Bei richtiger und ausreichender Bepflanzung ist das allerdings meistens kein Problem. 
Hier gibts viele "Miniteichbesitzer" die dir sicherlich viele gute Ratschläge geben können. 

Aber bitte, bitte setz keine Fische ein. :beeten: :beeten: 
Du wirst sehen, das du auch ohne Fische einen sehr schönen und "lebhaften" Teich dein eigen nennen kannst.  

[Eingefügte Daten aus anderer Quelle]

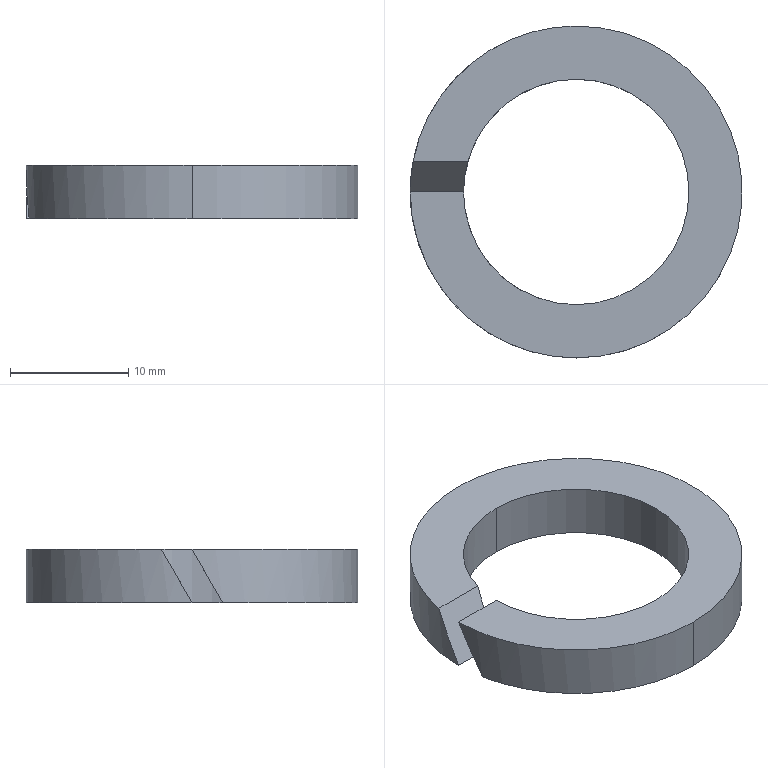Component | SolidWorks | Cylinder-1_spring lock washers--normal type gb-11 | 1 solid | 10 faces | box 28.04 x 28.04 x 4.5 mm | volume 1445 mm3 | cylinder 6 | plane 4 | commonest cylinder face diameters 19.04 x3 28.04 x3
build123d program:
from build123d import *

# Parameters (mm, degrees)
SKETCH1_R          = 14.02
SKETCH1_R_2        = 9.52
BASE_EXTRUDE_DEPTH = 4.5
CUT_EXTRUDE1_DEPTH = 21.332


with BuildPart() as part:
    # Sketch1 → Base-Extrude (new body)
    with BuildSketch(Plane.XY):
        Circle(SKETCH1_R)
        Circle(SKETCH1_R_2, mode=Mode.SUBTRACT)
    extrude(amount=-BASE_EXTRUDE_DEPTH)

    # Sketch2 → Cut-Extrude1 (cut, through all)
    with BuildSketch(Plane(origin=(0, 0, 0), x_dir=(1, 0, 0), z_dir=(0, 1, 0))):
        Polygon((0, 4.5), (2.598, 0), (0, 0), (-2.598, 4.5), align=None)
    extrude(amount=CUT_EXTRUDE1_DEPTH, mode=Mode.SUBTRACT)


solid = part.part

# Placed as in the assembly
solid = solid.moved(Location((-180.557, 26.412, -327.351), (0, 0, 90)))
STEP:
#1=COLOUR_RGB('',0.7922,0.8196,0.9333);
#2=FILL_AREA_STYLE_COLOUR('',#1);
#3=FILL_AREA_STYLE('',(#2));
#4=SURFACE_STYLE_FILL_AREA(#3);
#5=SURFACE_SIDE_STYLE('',(#4));
#6=SURFACE_STYLE_USAGE(.BOTH.,#5);
#7=PRESENTATION_STYLE_ASSIGNMENT((#6));
#8=CARTESIAN_POINT('',(-7.109,1.415,-12.888));
#9=VERTEX_POINT('',#8);
#10=CARTESIAN_POINT('',(-7.109,0.665,-12.888));
#11=VERTEX_POINT('',#10);
#12=CARTESIAN_POINT('',(-7.109,1.04,-12.888));
#13=DIRECTION('',(0.,-0.,-1.));
#14=DIRECTION('',(0.,-1.,0.));
#15=AXIS2_PLACEMENT_3D('',#12,#13,#14);
#16=CIRCLE('',#15,0.3748);
#17=EDGE_CURVE('',#9,#11,#16,.T.);
#18=ORIENTED_EDGE('',*,*,#17,.F.);
#19=CARTESIAN_POINT('',(-7.109,1.415,-13.065));
#20=VERTEX_POINT('',#19);
#21=CARTESIAN_POINT('',(-7.109,1.415,-12.888));
#22=DIRECTION('',(0.,-0.,-1.));
#23=VECTOR('',#22,39.37);
#24=LINE('',#21,#23);
#25=EDGE_CURVE('',#9,#20,#24,.T.);
#26=ORIENTED_EDGE('',*,*,#25,.T.);
#27=CARTESIAN_POINT('',(-7.109,0.665,-13.065));
#28=VERTEX_POINT('',#27);
#29=CARTESIAN_POINT('',(-7.109,1.04,-13.065));
#30=DIRECTION('',(0.,-0.,-1.));
#31=DIRECTION('',(0.,-1.,0.));
#32=AXIS2_PLACEMENT_3D('',#29,#30,#31);
#33=CIRCLE('',#32,0.3748);
#34=EDGE_CURVE('',#20,#28,#33,.T.);
#35=ORIENTED_EDGE('',*,*,#34,.T.);
#36=CARTESIAN_POINT('',(-7.109,0.665,-12.888));
#37=DIRECTION('',(0.,-0.,-1.));
#38=VECTOR('',#37,39.37);
#39=LINE('',#36,#38);
#40=EDGE_CURVE('',#11,#28,#39,.T.);
#41=ORIENTED_EDGE('',*,*,#40,.F.);
#42=EDGE_LOOP('',(#18,#26,#35,#41));
#43=FACE_OUTER_BOUND('',#42,.T.);
#44=CARTESIAN_POINT('',(-7.109,1.04,-12.888));
#45=DIRECTION('',(0.,-0.,-1.));
#46=DIRECTION('',(0.,-1.,0.));
#47=AXIS2_PLACEMENT_3D('',#44,#45,#46);
#48=CYLINDRICAL_SURFACE('',#47,0.3748);
#49=ADVANCED_FACE('',(#43),#48,.F.);
#50=CARTESIAN_POINT('',(-7.483,1.04,-12.888));
#51=VERTEX_POINT('',#50);
#52=CARTESIAN_POINT('',(-7.109,1.04,-12.888));
#53=DIRECTION('',(0.,-0.,-1.));
#54=DIRECTION('',(0.,-1.,0.));
#55=AXIS2_PLACEMENT_3D('',#52,#53,#54);
#56=CIRCLE('',#55,0.3748);
#57=EDGE_CURVE('',#11,#51,#56,.T.);
#58=ORIENTED_EDGE('',*,*,#57,.F.);
#59=ORIENTED_EDGE('',*,*,#40,.T.);
#60=CARTESIAN_POINT('',(-7.469,0.9376,-13.065));
#61=VERTEX_POINT('',#60);
#62=CARTESIAN_POINT('',(-7.109,1.04,-13.065));
#63=DIRECTION('',(0.,-0.,-1.));
#64=DIRECTION('',(0.,-1.,0.));
#65=AXIS2_PLACEMENT_3D('',#62,#63,#64);
#66=CIRCLE('',#65,0.3748);
#67=EDGE_CURVE('',#28,#61,#66,.T.);
#68=ORIENTED_EDGE('',*,*,#67,.T.);
#69=CARTESIAN_POINT('',(-7.483,1.04,-12.888));
#70=CARTESIAN_POINT('',(-7.483,1.005,-12.948));
#71=CARTESIAN_POINT('',(-7.479,0.9709,-13.007));
#72=CARTESIAN_POINT('',(-7.469,0.9376,-13.065));
#73=(BOUNDED_CURVE()B_SPLINE_CURVE(3,(#69,#70,#71,#72),.UNSPECIFIED.,.F.,.F.)B_SPLINE_CURVE_WITH_KNOTS((4,4),(4.712,4.989),.UNSPECIFIED.)CURVE()GEOMETRIC_REPRESENTATION_ITEM()RATIONAL_B_SPLINE_CURVE((1.,0.9936,0.9936,1.))REPRESENTATION_ITEM(''));
#74=EDGE_CURVE('',#51,#61,#73,.T.);
#75=ORIENTED_EDGE('',*,*,#74,.F.);
#76=EDGE_LOOP('',(#58,#59,#68,#75));
#77=FACE_OUTER_BOUND('',#76,.T.);
#78=CARTESIAN_POINT('',(-7.109,1.04,-12.888));
#79=DIRECTION('',(0.,-0.,-1.));
#80=DIRECTION('',(0.,-1.,0.));
#81=AXIS2_PLACEMENT_3D('',#78,#79,#80);
#82=CYLINDRICAL_SURFACE('',#81,0.3748);
#83=ADVANCED_FACE('',(#77),#82,.F.);
#84=CARTESIAN_POINT('',(-7.651,1.142,-12.888));
#85=VERTEX_POINT('',#84);
#86=CARTESIAN_POINT('',(-7.109,1.592,-12.888));
#87=VERTEX_POINT('',#86);
#88=CARTESIAN_POINT('',(-7.109,1.04,-12.888));
#89=DIRECTION('',(0.,-0.,-1.));
#90=DIRECTION('',(0.,-1.,0.));
#91=AXIS2_PLACEMENT_3D('',#88,#89,#90);
#92=CIRCLE('',#91,0.552);
#93=EDGE_CURVE('',#85,#87,#92,.T.);
#94=ORIENTED_EDGE('',*,*,#93,.T.);
#95=CARTESIAN_POINT('',(-7.109,1.592,-13.065));
#96=VERTEX_POINT('',#95);
#97=CARTESIAN_POINT('',(-7.109,1.592,-12.888));
#98=DIRECTION('',(0.,-0.,-1.));
#99=VECTOR('',#98,39.37);
#100=LINE('',#97,#99);
#101=EDGE_CURVE('',#87,#96,#100,.T.);
#102=ORIENTED_EDGE('',*,*,#101,.T.);
#103=CARTESIAN_POINT('',(-7.661,1.04,-13.065));
#104=VERTEX_POINT('',#103);
#105=CARTESIAN_POINT('',(-7.109,1.04,-13.065));
#106=DIRECTION('',(0.,-0.,-1.));
#107=DIRECTION('',(0.,-1.,0.));
#108=AXIS2_PLACEMENT_3D('',#105,#106,#107);
#109=CIRCLE('',#108,0.552);
#110=EDGE_CURVE('',#104,#96,#109,.T.);
#111=ORIENTED_EDGE('',*,*,#110,.F.);
#112=CARTESIAN_POINT('',(-7.661,1.04,-13.065));
#113=CARTESIAN_POINT('',(-7.661,1.074,-13.006));
#114=CARTESIAN_POINT('',(-7.657,1.108,-12.946));
#115=CARTESIAN_POINT('',(-7.651,1.142,-12.888));
#116=(BOUNDED_CURVE()B_SPLINE_CURVE(3,(#112,#113,#114,#115),.UNSPECIFIED.,.F.,.T.)B_SPLINE_CURVE_WITH_KNOTS((4,4),(1.571,1.757),.UNSPECIFIED.)CURVE()GEOMETRIC_REPRESENTATION_ITEM()RATIONAL_B_SPLINE_CURVE((1.,0.9971,0.9971,1.))REPRESENTATION_ITEM(''));
#117=EDGE_CURVE('',#104,#85,#116,.T.);
#118=ORIENTED_EDGE('',*,*,#117,.T.);
#119=EDGE_LOOP('',(#94,#102,#111,#118));
#120=FACE_OUTER_BOUND('',#119,.T.);
#121=CARTESIAN_POINT('',(-7.109,1.04,-12.888));
#122=DIRECTION('',(0.,-0.,-1.));
#123=DIRECTION('',(0.,-1.,0.));
#124=AXIS2_PLACEMENT_3D('',#121,#122,#123);
#125=CYLINDRICAL_SURFACE('',#124,0.552);
#126=ADVANCED_FACE('',(#120),#125,.T.);
#127=ORIENTED_EDGE('',*,*,#101,.F.);
#128=CARTESIAN_POINT('',(-7.109,0.4879,-12.888));
#129=VERTEX_POINT('',#128);
#130=CARTESIAN_POINT('',(-7.109,1.04,-12.888));
#131=DIRECTION('',(0.,-0.,-1.));
#132=DIRECTION('',(0.,-1.,0.));
#133=AXIS2_PLACEMENT_3D('',#130,#131,#132);
#134=CIRCLE('',#133,0.552);
#135=EDGE_CURVE('',#87,#129,#134,.T.);
#136=ORIENTED_EDGE('',*,*,#135,.T.);
#137=CARTESIAN_POINT('',(-7.109,0.4879,-13.065));
#138=VERTEX_POINT('',#137);
#139=CARTESIAN_POINT('',(-7.109,0.4879,-12.888));
#140=DIRECTION('',(0.,-0.,-1.));
#141=VECTOR('',#140,39.37);
#142=LINE('',#139,#141);
#143=EDGE_CURVE('',#129,#138,#142,.T.);
#144=ORIENTED_EDGE('',*,*,#143,.T.);
#145=CARTESIAN_POINT('',(-7.109,1.04,-13.065));
#146=DIRECTION('',(0.,-0.,-1.));
#147=DIRECTION('',(0.,-1.,0.));
#148=AXIS2_PLACEMENT_3D('',#145,#146,#147);
#149=CIRCLE('',#148,0.552);
#150=EDGE_CURVE('',#96,#138,#149,.T.);
#151=ORIENTED_EDGE('',*,*,#150,.F.);
#152=EDGE_LOOP('',(#127,#136,#144,#151));
#153=FACE_OUTER_BOUND('',#152,.T.);
#154=CARTESIAN_POINT('',(-7.109,1.04,-12.888));
#155=DIRECTION('',(0.,-0.,-1.));
#156=DIRECTION('',(0.,-1.,0.));
#157=AXIS2_PLACEMENT_3D('',#154,#155,#156);
#158=CYLINDRICAL_SURFACE('',#157,0.552);
#159=ADVANCED_FACE('',(#153),#158,.T.);
#160=ORIENTED_EDGE('',*,*,#143,.F.);
#161=CARTESIAN_POINT('',(-7.661,1.04,-12.888));
#162=VERTEX_POINT('',#161);
#163=CARTESIAN_POINT('',(-7.109,1.04,-12.888));
#164=DIRECTION('',(0.,-0.,-1.));
#165=DIRECTION('',(0.,-1.,0.));
#166=AXIS2_PLACEMENT_3D('',#163,#164,#165);
#167=CIRCLE('',#166,0.552);
#168=EDGE_CURVE('',#129,#162,#167,.T.);
#169=ORIENTED_EDGE('',*,*,#168,.T.);
#170=CARTESIAN_POINT('',(-7.651,0.9376,-13.065));
#171=VERTEX_POINT('',#170);
#172=CARTESIAN_POINT('',(-7.661,1.04,-12.888));
#173=CARTESIAN_POINT('',(-7.661,1.005,-12.947));
#174=CARTESIAN_POINT('',(-7.657,0.9713,-13.007));
#175=CARTESIAN_POINT('',(-7.651,0.9376,-13.065));
#176=(BOUNDED_CURVE()B_SPLINE_CURVE(3,(#172,#173,#174,#175),.UNSPECIFIED.,.F.,.F.)B_SPLINE_CURVE_WITH_KNOTS((4,4),(4.712,4.899),.UNSPECIFIED.)CURVE()GEOMETRIC_REPRESENTATION_ITEM()RATIONAL_B_SPLINE_CURVE((1.,0.9971,0.9971,1.))REPRESENTATION_ITEM(''));
#177=EDGE_CURVE('',#162,#171,#176,.T.);
#178=ORIENTED_EDGE('',*,*,#177,.T.);
#179=CARTESIAN_POINT('',(-7.109,1.04,-13.065));
#180=DIRECTION('',(0.,-0.,-1.));
#181=DIRECTION('',(0.,-1.,0.));
#182=AXIS2_PLACEMENT_3D('',#179,#180,#181);
#183=CIRCLE('',#182,0.552);
#184=EDGE_CURVE('',#138,#171,#183,.T.);
#185=ORIENTED_EDGE('',*,*,#184,.F.);
#186=EDGE_LOOP('',(#160,#169,#178,#185));
#187=FACE_OUTER_BOUND('',#186,.T.);
#188=CARTESIAN_POINT('',(-7.109,1.04,-12.888));
#189=DIRECTION('',(0.,-0.,-1.));
#190=DIRECTION('',(0.,-1.,0.));
#191=AXIS2_PLACEMENT_3D('',#188,#189,#190);
#192=CYLINDRICAL_SURFACE('',#191,0.552);
#193=ADVANCED_FACE('',(#187),#192,.T.);
#194=CARTESIAN_POINT('',(-7.469,1.142,-12.888));
#195=VERTEX_POINT('',#194);
#196=CARTESIAN_POINT('',(-7.661,1.142,-12.888));
#197=DIRECTION('',(1.,-0.,0.));
#198=VECTOR('',#197,39.37);
#199=LINE('',#196,#198);
#200=EDGE_CURVE('',#85,#195,#199,.T.);
#201=ORIENTED_EDGE('',*,*,#200,.T.);
#202=CARTESIAN_POINT('',(-7.109,1.04,-12.888));
#203=DIRECTION('',(0.,-0.,-1.));
#204=DIRECTION('',(0.,-1.,0.));
#205=AXIS2_PLACEMENT_3D('',#202,#203,#204);
#206=CIRCLE('',#205,0.3748);
#207=EDGE_CURVE('',#195,#9,#206,.T.);
#208=ORIENTED_EDGE('',*,*,#207,.T.);
#209=ORIENTED_EDGE('',*,*,#17,.T.);
#210=ORIENTED_EDGE('',*,*,#57,.T.);
#211=CARTESIAN_POINT('',(-7.661,1.04,-12.888));
#212=DIRECTION('',(1.,-0.,0.));
#213=VECTOR('',#212,39.37);
#214=LINE('',#211,#213);
#215=EDGE_CURVE('',#162,#51,#214,.T.);
#216=ORIENTED_EDGE('',*,*,#215,.F.);
#217=ORIENTED_EDGE('',*,*,#168,.F.);
#218=ORIENTED_EDGE('',*,*,#135,.F.);
#219=ORIENTED_EDGE('',*,*,#93,.F.);
#220=EDGE_LOOP('',(#201,#208,#209,#210,#216,#217,#218,#219));
#221=FACE_OUTER_BOUND('',#220,.T.);
#222=CARTESIAN_POINT('',(-7.109,1.04,-12.888));
#223=DIRECTION('',(0.,-0.,-1.));
#224=DIRECTION('',(-0.,-1.,0.));
#225=AXIS2_PLACEMENT_3D('',#222,#223,#224);
#226=PLANE('',#225);
#227=ADVANCED_FACE('',(#221),#226,.F.);
#228=CARTESIAN_POINT('',(-7.483,1.04,-13.065));
#229=VERTEX_POINT('',#228);
#230=CARTESIAN_POINT('',(-7.109,1.04,-13.065));
#231=DIRECTION('',(0.,-0.,-1.));
#232=DIRECTION('',(0.,-1.,0.));
#233=AXIS2_PLACEMENT_3D('',#230,#231,#232);
#234=CIRCLE('',#233,0.3748);
#235=EDGE_CURVE('',#229,#20,#234,.T.);
#236=ORIENTED_EDGE('',*,*,#235,.F.);
#237=CARTESIAN_POINT('',(-7.661,1.04,-13.065));
#238=DIRECTION('',(1.,-0.,0.));
#239=VECTOR('',#238,39.37);
#240=LINE('',#237,#239);
#241=EDGE_CURVE('',#104,#229,#240,.T.);
#242=ORIENTED_EDGE('',*,*,#241,.F.);
#243=ORIENTED_EDGE('',*,*,#110,.T.);
#244=ORIENTED_EDGE('',*,*,#150,.T.);
#245=ORIENTED_EDGE('',*,*,#184,.T.);
#246=CARTESIAN_POINT('',(-7.661,0.9376,-13.065));
#247=DIRECTION('',(1.,-0.,0.));
#248=VECTOR('',#247,39.37);
#249=LINE('',#246,#248);
#250=EDGE_CURVE('',#171,#61,#249,.T.);
#251=ORIENTED_EDGE('',*,*,#250,.T.);
#252=ORIENTED_EDGE('',*,*,#67,.F.);
#253=ORIENTED_EDGE('',*,*,#34,.F.);
#254=EDGE_LOOP('',(#236,#242,#243,#244,#245,#251,#252,#253));
#255=FACE_OUTER_BOUND('',#254,.T.);
#256=CARTESIAN_POINT('',(-7.109,1.04,-13.065));
#257=DIRECTION('',(0.,-0.,-1.));
#258=DIRECTION('',(-0.,-1.,0.));
#259=AXIS2_PLACEMENT_3D('',#256,#257,#258);
#260=PLANE('',#259);
#261=ADVANCED_FACE('',(#255),#260,.T.);
#262=ORIENTED_EDGE('',*,*,#25,.F.);
#263=ORIENTED_EDGE('',*,*,#207,.F.);
#264=CARTESIAN_POINT('',(-7.483,1.04,-13.065));
#265=CARTESIAN_POINT('',(-7.483,1.074,-13.005));
#266=CARTESIAN_POINT('',(-7.479,1.109,-12.946));
#267=CARTESIAN_POINT('',(-7.469,1.142,-12.888));
#268=(BOUNDED_CURVE()B_SPLINE_CURVE(3,(#264,#265,#266,#267),.UNSPECIFIED.,.F.,.F.)B_SPLINE_CURVE_WITH_KNOTS((4,4),(1.571,1.847),.UNSPECIFIED.)CURVE()GEOMETRIC_REPRESENTATION_ITEM()RATIONAL_B_SPLINE_CURVE((1.,0.9936,0.9936,1.))REPRESENTATION_ITEM(''));
#269=EDGE_CURVE('',#229,#195,#268,.T.);
#270=ORIENTED_EDGE('',*,*,#269,.F.);
#271=ORIENTED_EDGE('',*,*,#235,.T.);
#272=EDGE_LOOP('',(#262,#263,#270,#271));
#273=FACE_OUTER_BOUND('',#272,.T.);
#274=CARTESIAN_POINT('',(-7.109,1.04,-12.888));
#275=DIRECTION('',(0.,-0.,-1.));
#276=DIRECTION('',(0.,-1.,0.));
#277=AXIS2_PLACEMENT_3D('',#274,#275,#276);
#278=CYLINDRICAL_SURFACE('',#277,0.3748);
#279=ADVANCED_FACE('',(#273),#278,.F.);
#280=ORIENTED_EDGE('',*,*,#215,.T.);
#281=ORIENTED_EDGE('',*,*,#74,.T.);
#282=ORIENTED_EDGE('',*,*,#250,.F.);
#283=ORIENTED_EDGE('',*,*,#177,.F.);
#284=EDGE_LOOP('',(#280,#281,#282,#283));
#285=FACE_OUTER_BOUND('',#284,.T.);
#286=CARTESIAN_POINT('',(-7.661,1.04,-12.888));
#287=DIRECTION('',(0.,0.866,-0.5));
#288=DIRECTION('',(-0.,-0.5,-0.866));
#289=AXIS2_PLACEMENT_3D('',#286,#287,#288);
#290=PLANE('',#289);
#291=ADVANCED_FACE('',(#285),#290,.T.);
#292=ORIENTED_EDGE('',*,*,#241,.T.);
#293=ORIENTED_EDGE('',*,*,#269,.T.);
#294=ORIENTED_EDGE('',*,*,#200,.F.);
#295=ORIENTED_EDGE('',*,*,#117,.F.);
#296=EDGE_LOOP('',(#292,#293,#294,#295));
#297=FACE_OUTER_BOUND('',#296,.T.);
#298=CARTESIAN_POINT('',(-7.661,1.04,-13.065));
#299=DIRECTION('',(-0.,-0.866,0.5));
#300=DIRECTION('',(0.,0.5,0.866));
#301=AXIS2_PLACEMENT_3D('',#298,#299,#300);
#302=PLANE('',#301);
#303=ADVANCED_FACE('',(#297),#302,.T.);
#304=CLOSED_SHELL('',(#49,#83,#126,#159,#193,#227,#261,#279,#291,#303));
#305=MANIFOLD_SOLID_BREP('',#304);
#306=STYLED_ITEM('',(#7),#305);
#307=PRESENTATION_LAYER_ASSIGNMENT('','',(#306));
#308=CARTESIAN_POINT('',(0.,0.,0.));
#309=DIRECTION('',(0.,0.,1.));
#310=DIRECTION('',(1.,0.,0.));
#311=AXIS2_PLACEMENT_3D('',#308,#309,#310);
#312=(LENGTH_UNIT()NAMED_UNIT(*)SI_UNIT($,.METRE.));
#313=LENGTH_MEASURE_WITH_UNIT(LENGTH_MEASURE(0.0254),#312);
#314=DIMENSIONAL_EXPONENTS(1.,0.,0.,0.,0.,0.,0.);
#315=(CONVERSION_BASED_UNIT('',#313)LENGTH_UNIT()NAMED_UNIT(#314));
#316=UNCERTAINTY_MEASURE_WITH_UNIT(LENGTH_MEASURE(0.00001),#315,'','');
#317=(NAMED_UNIT(*)PLANE_ANGLE_UNIT()SI_UNIT($,.RADIAN.));
#318=(NAMED_UNIT(*)SI_UNIT($,.STERADIAN.)SOLID_ANGLE_UNIT());
#319=(GEOMETRIC_REPRESENTATION_CONTEXT(3)GLOBAL_UNCERTAINTY_ASSIGNED_CONTEXT((#316))GLOBAL_UNIT_ASSIGNED_CONTEXT((#315,#317,#318))REPRESENTATION_CONTEXT('',''));
#320=ADVANCED_BREP_SHAPE_REPRESENTATION('',(#305,#311),#319);
#321=(LENGTH_UNIT()NAMED_UNIT(*)SI_UNIT($,.METRE.));
#322=LENGTH_MEASURE_WITH_UNIT(LENGTH_MEASURE(0.0254),#321);
#323=DIMENSIONAL_EXPONENTS(1.,0.,0.,0.,0.,0.,0.);
#324=(CONVERSION_BASED_UNIT('',#322)LENGTH_UNIT()NAMED_UNIT(#323));
#325=UNCERTAINTY_MEASURE_WITH_UNIT(LENGTH_MEASURE(0.00001),#324,'','');
#326=(NAMED_UNIT(*)PLANE_ANGLE_UNIT()SI_UNIT($,.RADIAN.));
#327=(NAMED_UNIT(*)SI_UNIT($,.STERADIAN.)SOLID_ANGLE_UNIT());
#328=(GEOMETRIC_REPRESENTATION_CONTEXT(3)GLOBAL_UNCERTAINTY_ASSIGNED_CONTEXT((#325))GLOBAL_UNIT_ASSIGNED_CONTEXT((#324,#326,#327))REPRESENTATION_CONTEXT('',''));
#329=MECHANICAL_DESIGN_GEOMETRIC_PRESENTATION_REPRESENTATION('',(#306),#328);

Die Frage mit den Mücken interressiert mich im übrigen auch, da ich mich mit dem Gedanken rumschlage einen Miniteich auf dem Balkon zu bauen.  

Viel Spaß noch bei uns.


----------



## Silke (12. Aug. 2007)

*AW: Fertigteich 300 Liter - Was tun???*

Hallo,
wegen der Mücken braucht ihr euch keine Gedanken machen. Auch in einem schön eingerichteten Teichlein finden sich schnell alle möglichen Getiere ein, die dann die Mückenlarven fressen.


----------



## zoe (12. Aug. 2007)

*AW: Fertigteich 300 Liter - Was tun???*

Hallo Markus
An deiner Stelle würd ich ihn einbuddeln. Setz viele Pflanzen in die Sumpfzone (nicht in "Teicherde"), gestalte den Rand schön mit ein paar größeren Steinen im Wasser und vielleicht Wurzeln die ins Wasser ragen (damit deine Bienen auch gut ans Wasser und eventuell wieder raus kommen). Vielleicht hat dein Fertigteich auch noch ein oder zwei Stufen? Das macht sich dann gut für Unterwasserpflanzen in großen Pflanzkörben. Eine Mückenfreiheit möchte ich dir nicht garantieren, vor allem nicht im ersten Jahr, ABER es siedeln sich bei dir sicher __ Gelbrandkäfer, __ Rückenschwimmer, Libellenlarven usw an.... die ja auch fressen müssen.  
Hier oben im Forum gibt es eine Datenbank die dir bei der Auswahl deiner Pflanzen weiterhilft. 
Strom brauchst du meiner Meinung nach nicht... hast ja keinen Fischbesatz.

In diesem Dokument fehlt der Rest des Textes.